Bu nörolojik hastalıklar içerisinde en sık rastlanılan ise baş ağrısı. Peki, migren ağrısı ile koronavirüs nedeniyle seyreden baş ağrısı arasında fark nedir, tedavi yöntemleri nelerdir? Bütün bu merak edilen konulara ALKÜ tıp Fakültesi Nöroloji Anabilim Dalı Başkanı Dr. Öğretim Üyesi Ahmet Özşimşek açıklık getirdi. Özşimşek, “Bir baş ağrısının karakterine ve muayene bulgularıyla birlikte daha önce olan bir baş ağrısı mı ya da Covid ile bir ilgilisi var mı onu tespit ediyoruz. Migren rahatsızlığı; tek taraflı, zonklayıcı tarzda olmaktadır. Ağrılara; bulantı veya kusma, ışıktan ve sesten rahatsız olma eşlik eder. Koronavirüs ile başlayan baş ağrıları genelde iki taraflı olur. Hastada baş ağrısı sıkıştırır tarzda ya da zonklama tarzda olabilir. Bunların yanında hastada; bulantı kusma, ışıktan ve sesten rahatsızlık görülmez.
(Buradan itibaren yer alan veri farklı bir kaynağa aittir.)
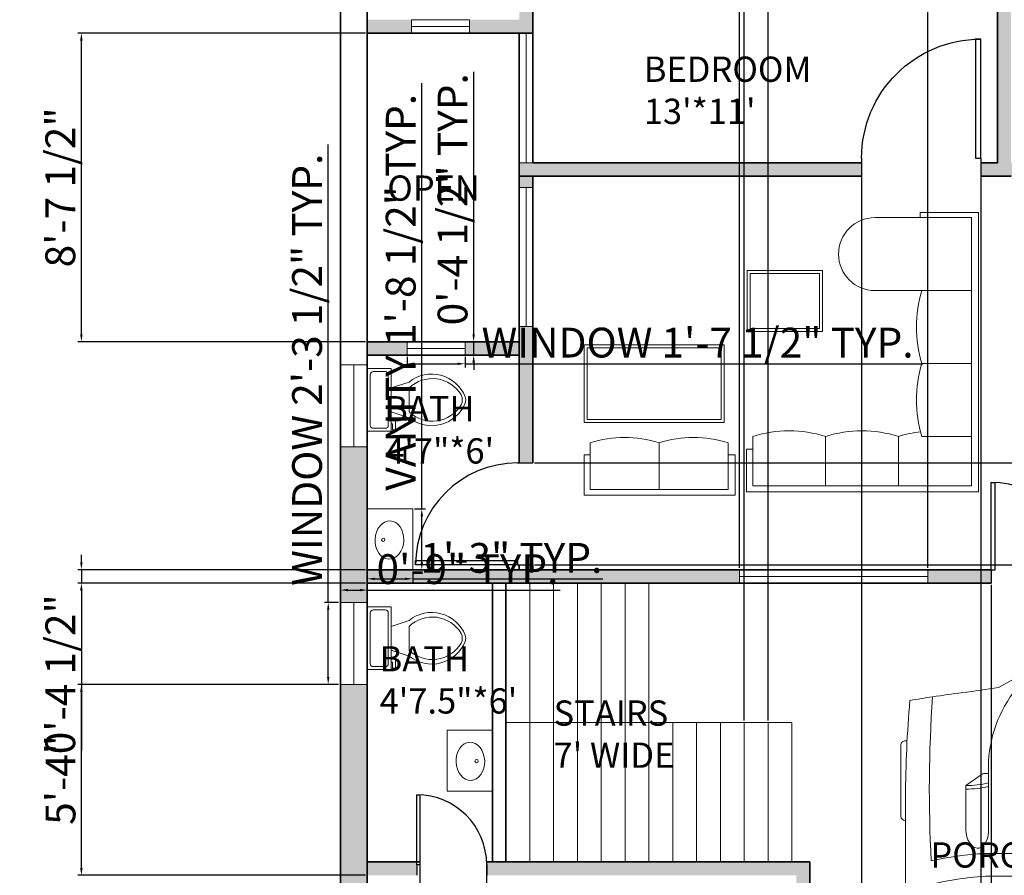
# Model space of a CAD drawing. Units: inches. Extents: x 1698 to 2352, y 1975 to 2732.
# Tile 2 of 4: x 1698 to 2029, y 2234 to 2521. Entities that reach past the tile are written whole.
import ezdxf

# ---------------------------------------------------------------- set-up
doc = ezdxf.new("R2010")
doc.units = ezdxf.units.IN
for name, color, linetype, lineweight in [('A-ANNO-DIMS', 2, 'Continuous', 18), ('A-AREA-IDEN', 7, 'Continuous', 18), ('A-FLOR-FIXT', 231, 'Continuous', 18), ('A-WALL-PATT', 52, 'Continuous', 13), ('car', 171, 'Continuous', 13), ('door', 80, 'Continuous', 25), ('fur', 10, 'Continuous', 18), ('stair', 200, 'Continuous', 18), ('wall', 7, 'Continuous', 35), ('window', 130, 'Continuous', 18)]:
    doc.layers.add(name, color=color, linetype=linetype, lineweight=lineweight)
doc.styles.get("Standard").update_dxf_attribs({"font": 'arial.ttf'})
doc.dimstyles.new('ISO-25', dxfattribs={"dimtxt": 10, "dimasz": 2.5, "dimexe": 1.25, "dimexo": 0.625, "dimtad": 1, "dimdec": 0, "dimlunit": 4, "dimtxsty": 'Standard', "dimcen": 2.5, "dimadec": 0, "dimazin": 0, "dimtfac": 1, "dimtdec": 0, "dimtmove": 0, "dimatfit": 3, "dimfxl": 1, "dimarcsym": 0})

# ---------------------------------------------------------------- blocks, each defined once
blk = doc.blocks.new('*U2')
for p, q in [((0, 0), (0, -6)), ((40, 0), (40, -6))]:
    blk.add_line(p, q)
blk.add_lwpolyline([(0, 0), (0, 40), (1.75, 40), (1.75, 0)], close=True)
blk.add_arc((0, 0), 40, 0, 90)
blk = doc.blocks.new('*U6')
for p, q in [((21.1, 37.41), (21.1, 36.83)), ((46.55, 38.89), (22.35, 38.89)), ((47.8, 37.39), (47.8, 37.41)), ((135.45, 37.07), (135.45, 37.41)), ((136.7, 38.89), (160.9, 38.89)), ((162.15, 37.41), (162.15, 36.77)), ((87.99, 31.87), (74.76, 35.92)), ((134.31, 35.6), (119.29, 31.78)), ((186.47, -33.5), (186.47, 33.5)), ((70.03, 31.54), (86.41, 29.35)), ((188.4, -32.76), (188.4, 32.76)), ((138.42, 29.35), (157.25, 29.35)), ((186.47, 29.35), (167.01, 29.35)), ((164.52, 26.39), (164.52, -26.39)), ((32.27, 11.63), (36.13, 17.17)), ((36.13, 17.17), (50.94, 17.17)), ((32.12, 9.51), (32.12, 11.15)), ((58.92, -10.77), (58.92, 10.77)), ((66.55, -10.53), (66.55, 10.53)), ((186.47, -10.53), (186.47, 10.53)), ((29.77, 9.51), (51.68, 9.51)), ((82.74, 8.5), (82.74, -8.5)), ((3.27, 6.13), (0.1, 0.41)), ((0, 0), (51.68, 0)), ((0.1, -0.41), (3.27, -6.13)), ((29.77, -9.51), (51.68, -9.51)), ((32.12, -9.51), (32.12, -11.15)), ((32.27, -11.63), (36.13, -17.17)), ((36.13, -17.17), (50.94, -17.17)), ((86.41, -29.35), (70.03, -31.54)), ((157.25, -29.35), (138.42, -29.35)), ((167.01, -29.35), (186.47, -29.35)), ((87.99, -31.87), (74.76, -35.92)), ((134.31, -35.6), (119.29, -31.78)), ((21.1, -37.41), (21.1, -36.83)), ((46.55, -38.89), (22.35, -38.89)), ((47.8, -37.39), (47.8, -37.41)), ((135.45, -37.07), (135.45, -37.41)), ((136.7, -38.89), (160.9, -38.89)), ((162.15, -37.41), (162.15, -36.77))]:
    blk.add_line(p, q)
for centre, major_axis, ratio, start_param, end_param in [((41.19, -490.86), (0, 528.23), 0.842304, 0.00281, 0.075598), ((22.35, 37.41), (0, -1.48), 0.842304, 3.141593, 4.712389), ((64.48, -10555.62), (0, 10593.03), 0.842304, -0.013397, 0.002797), ((46.55, 37.41), (0, 1.48), 0.842304, -1.570796, 0), ((136.7, 37.41), (0, -1.48), 0.842304, 3.141593, 4.712389), ((160.9, 37.41), (0, 1.48), 0.842304, -1.570796, 0), ((180.63, 35.84), (0, 2.22), 0.842304, -0.013017, 1.249894), ((64.48, -10556.36), (0, 10595.31), 0.842304, -0.013397, -0.013017), ((183.98, 33.5), (0, -2.96), 0.842304, 1.570796, 3.128196), ((183.98, 32.76), (0, -5.25), 0.842304, 1.570796, 3.128196), ((266.03, -27.52), (0, 313.31), 0.842304, 1.367076, 1.39176), ((64.48, -10555.62), (0, -10591.55), 0.842304, 3.133765, 3.140441), ((135.29, 5.39), (0, 81.77), 0.842304, 1.245306, 1.50788), ((95.79, -3666.35), (0, -3698.24), 0.842304, 3.134049, 3.144098), ((259.18, -27.52), (0, -305.3), 0.842304, 4.528606, 4.561838), ((37.47, -593.96), (0, -623.33), 0.842304, 3.096046, 3.200911), ((134.4, 5.39), (0, -89.78), 0.842304, 4.449482, 4.652344), ((149.6, 2.8), (0, -79.58), 0.842304, 4.372215, 4.640744), ((17.08, 0), (0, 147.02), 0.842304, 4.511394, 4.913384), ((35.91, 0), (0, 147.02), 0.842304, 4.511394, 4.913384), ((167.01, 26.39), (0, 2.96), 0.842304, 0, 1.570796), ((-204.49, 52.4), (0, -250.96), 0.842304, 1.385369, 1.434372), ((13.04, 17.01), (0, 27.42), 0.842304, 4.435146, 4.718221), ((14.2, 17.01), (0, 27.42), 0.842304, 4.435146, 4.718221), ((50.79, 13.34), (6.34, -0.36), 0.603834, -1.395552, 1.581315), ((32.75, 11.15), (0, 0.74), 0.842304, 0.879714, 1.570796), ((29.77, -46.66), (0, 56.17), 0.842304, 0, 0.590319), ((0.62, 0), (0, -0.74), 0.842304, 4.131459, 5.293319), ((29.77, 46.66), (0, 56.17), 0.842304, 2.551274, 3.141593), ((-204.49, -52.4), (0, 250.96), 0.842304, -1.434372, -1.385369), ((13.04, -17.01), (0, -27.42), 0.842304, 1.564964, 1.848039), ((14.2, -17.01), (0, -27.42), 0.842304, 1.564964, 1.848039), ((149.6, -2.8), (0, -79.58), 0.842304, -1.499151, -1.230623), ((32.75, -11.15), (0, -0.74), 0.842304, 4.712389, 5.403472), ((134.4, -5.39), (0, -89.78), 0.842304, -1.510751, -1.307889), ((135.29, -5.39), (0, -81.77), 0.842304, -1.50788, -1.245306), ((259.18, 27.52), (0, 305.3), 0.842304, 1.721348, 1.754579), ((167.01, -26.39), (0, -2.96), 0.842304, 4.712389, 6.283185), ((266.03, 27.52), (0, 313.31), 0.842304, 1.749832, 1.774517), ((37.47, 593.96), (0, -623.33), 0.842304, -0.059319, 0.045547), ((95.79, 3666.35), (0, -3698.24), 0.842304, -0.002505, 0.007544), ((183.98, -32.76), (0, -5.25), 0.842304, 0.013397, 1.570796), ((41.19, 490.86), (0, -528.23), 0.842304, -0.075598, -0.00281), ((64.48, 10555.62), (0, -10591.55), 0.842304, 0.001152, 0.007828), ((183.98, -33.5), (0, 2.96), 0.842304, 3.15499, 4.712389), ((22.35, -37.41), (0, 1.48), 0.842304, 1.570796, 3.141593), ((64.48, 10555.62), (0, 10593.03), 0.842304, 3.138796, 3.15499), ((46.55, -37.41), (0, -1.48), 0.842304, 0, 1.570796), ((136.7, -37.41), (0, -1.48), 0.842304, -1.570796, 0), ((160.9, -37.41), (0, 1.48), 0.842304, 3.141593, 4.712389), ((180.63, -35.84), (0, -2.22), 0.842304, -1.249894, 0.013017), ((64.48, 10556.36), (0, 10595.31), 0.842304, 3.15461, 3.15499)]:
    blk.add_ellipse(centre, major_axis=major_axis, ratio=ratio, start_param=start_param, end_param=end_param)
at = {"extrusion": (0, 0, -1)}
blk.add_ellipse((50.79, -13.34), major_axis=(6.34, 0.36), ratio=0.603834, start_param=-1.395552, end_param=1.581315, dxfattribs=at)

Yeni başlayan bir baş ağrısı olduğu zaman hastalarımızdan öncelikle kan değeri istiyoruz ve enfekyoz bir durum olup olmadığına bakıyoruz. Koronavirüse bağlı baş ağrısında hastalarımızın tedavisinde basit analjizikler ve kas gevşetici yeterli olmaktadır. Hastalarımızda yüksek ateş ve bilinç bulanıklığı olması durumunda beyin MR çektirip virüsün beyin tutulumu olup olmadığına hemen bakıyoruz. “ dedi.
Covid-19 enfeksiyonu hakkında her geçen gün yeni gelişmeler ve bilgiler edinildiğini belirten Dr. Öğr. Üyesi Ahmet Özşimşek, ”Sosyal ve psikolojik sorunları beraberinde getiren migrenin koronavirüs tedavinde kullanılan ilaçlarla birlikte belirtilerinde azalma olduğunu tespit ettik. Bizim dikkatimizi çeken genelde daha önce migreni olan hastalarda Covid tedavisi aldıktan sonra eskiden ayda 4-5 kez migren nöbeti geçiriyorsa bu durumun ilacı kullandıktan sonra ayda 1-2’ye düştüğünü hatta bazı hastalarımızın bir daha migren atağı geçirmediğini gördük. Bilimsel olarak düşündüğümüzde bu antiviral ilaçların migrenin tedavisinde kullanılabilir olup olmadığını araştırıyoruz. Hastanemizde bununla ilgili verileri toplamaya başladık. En yakın zamanda bu akademik çalışmayı literatür kazandıracağız“ diye konuştu.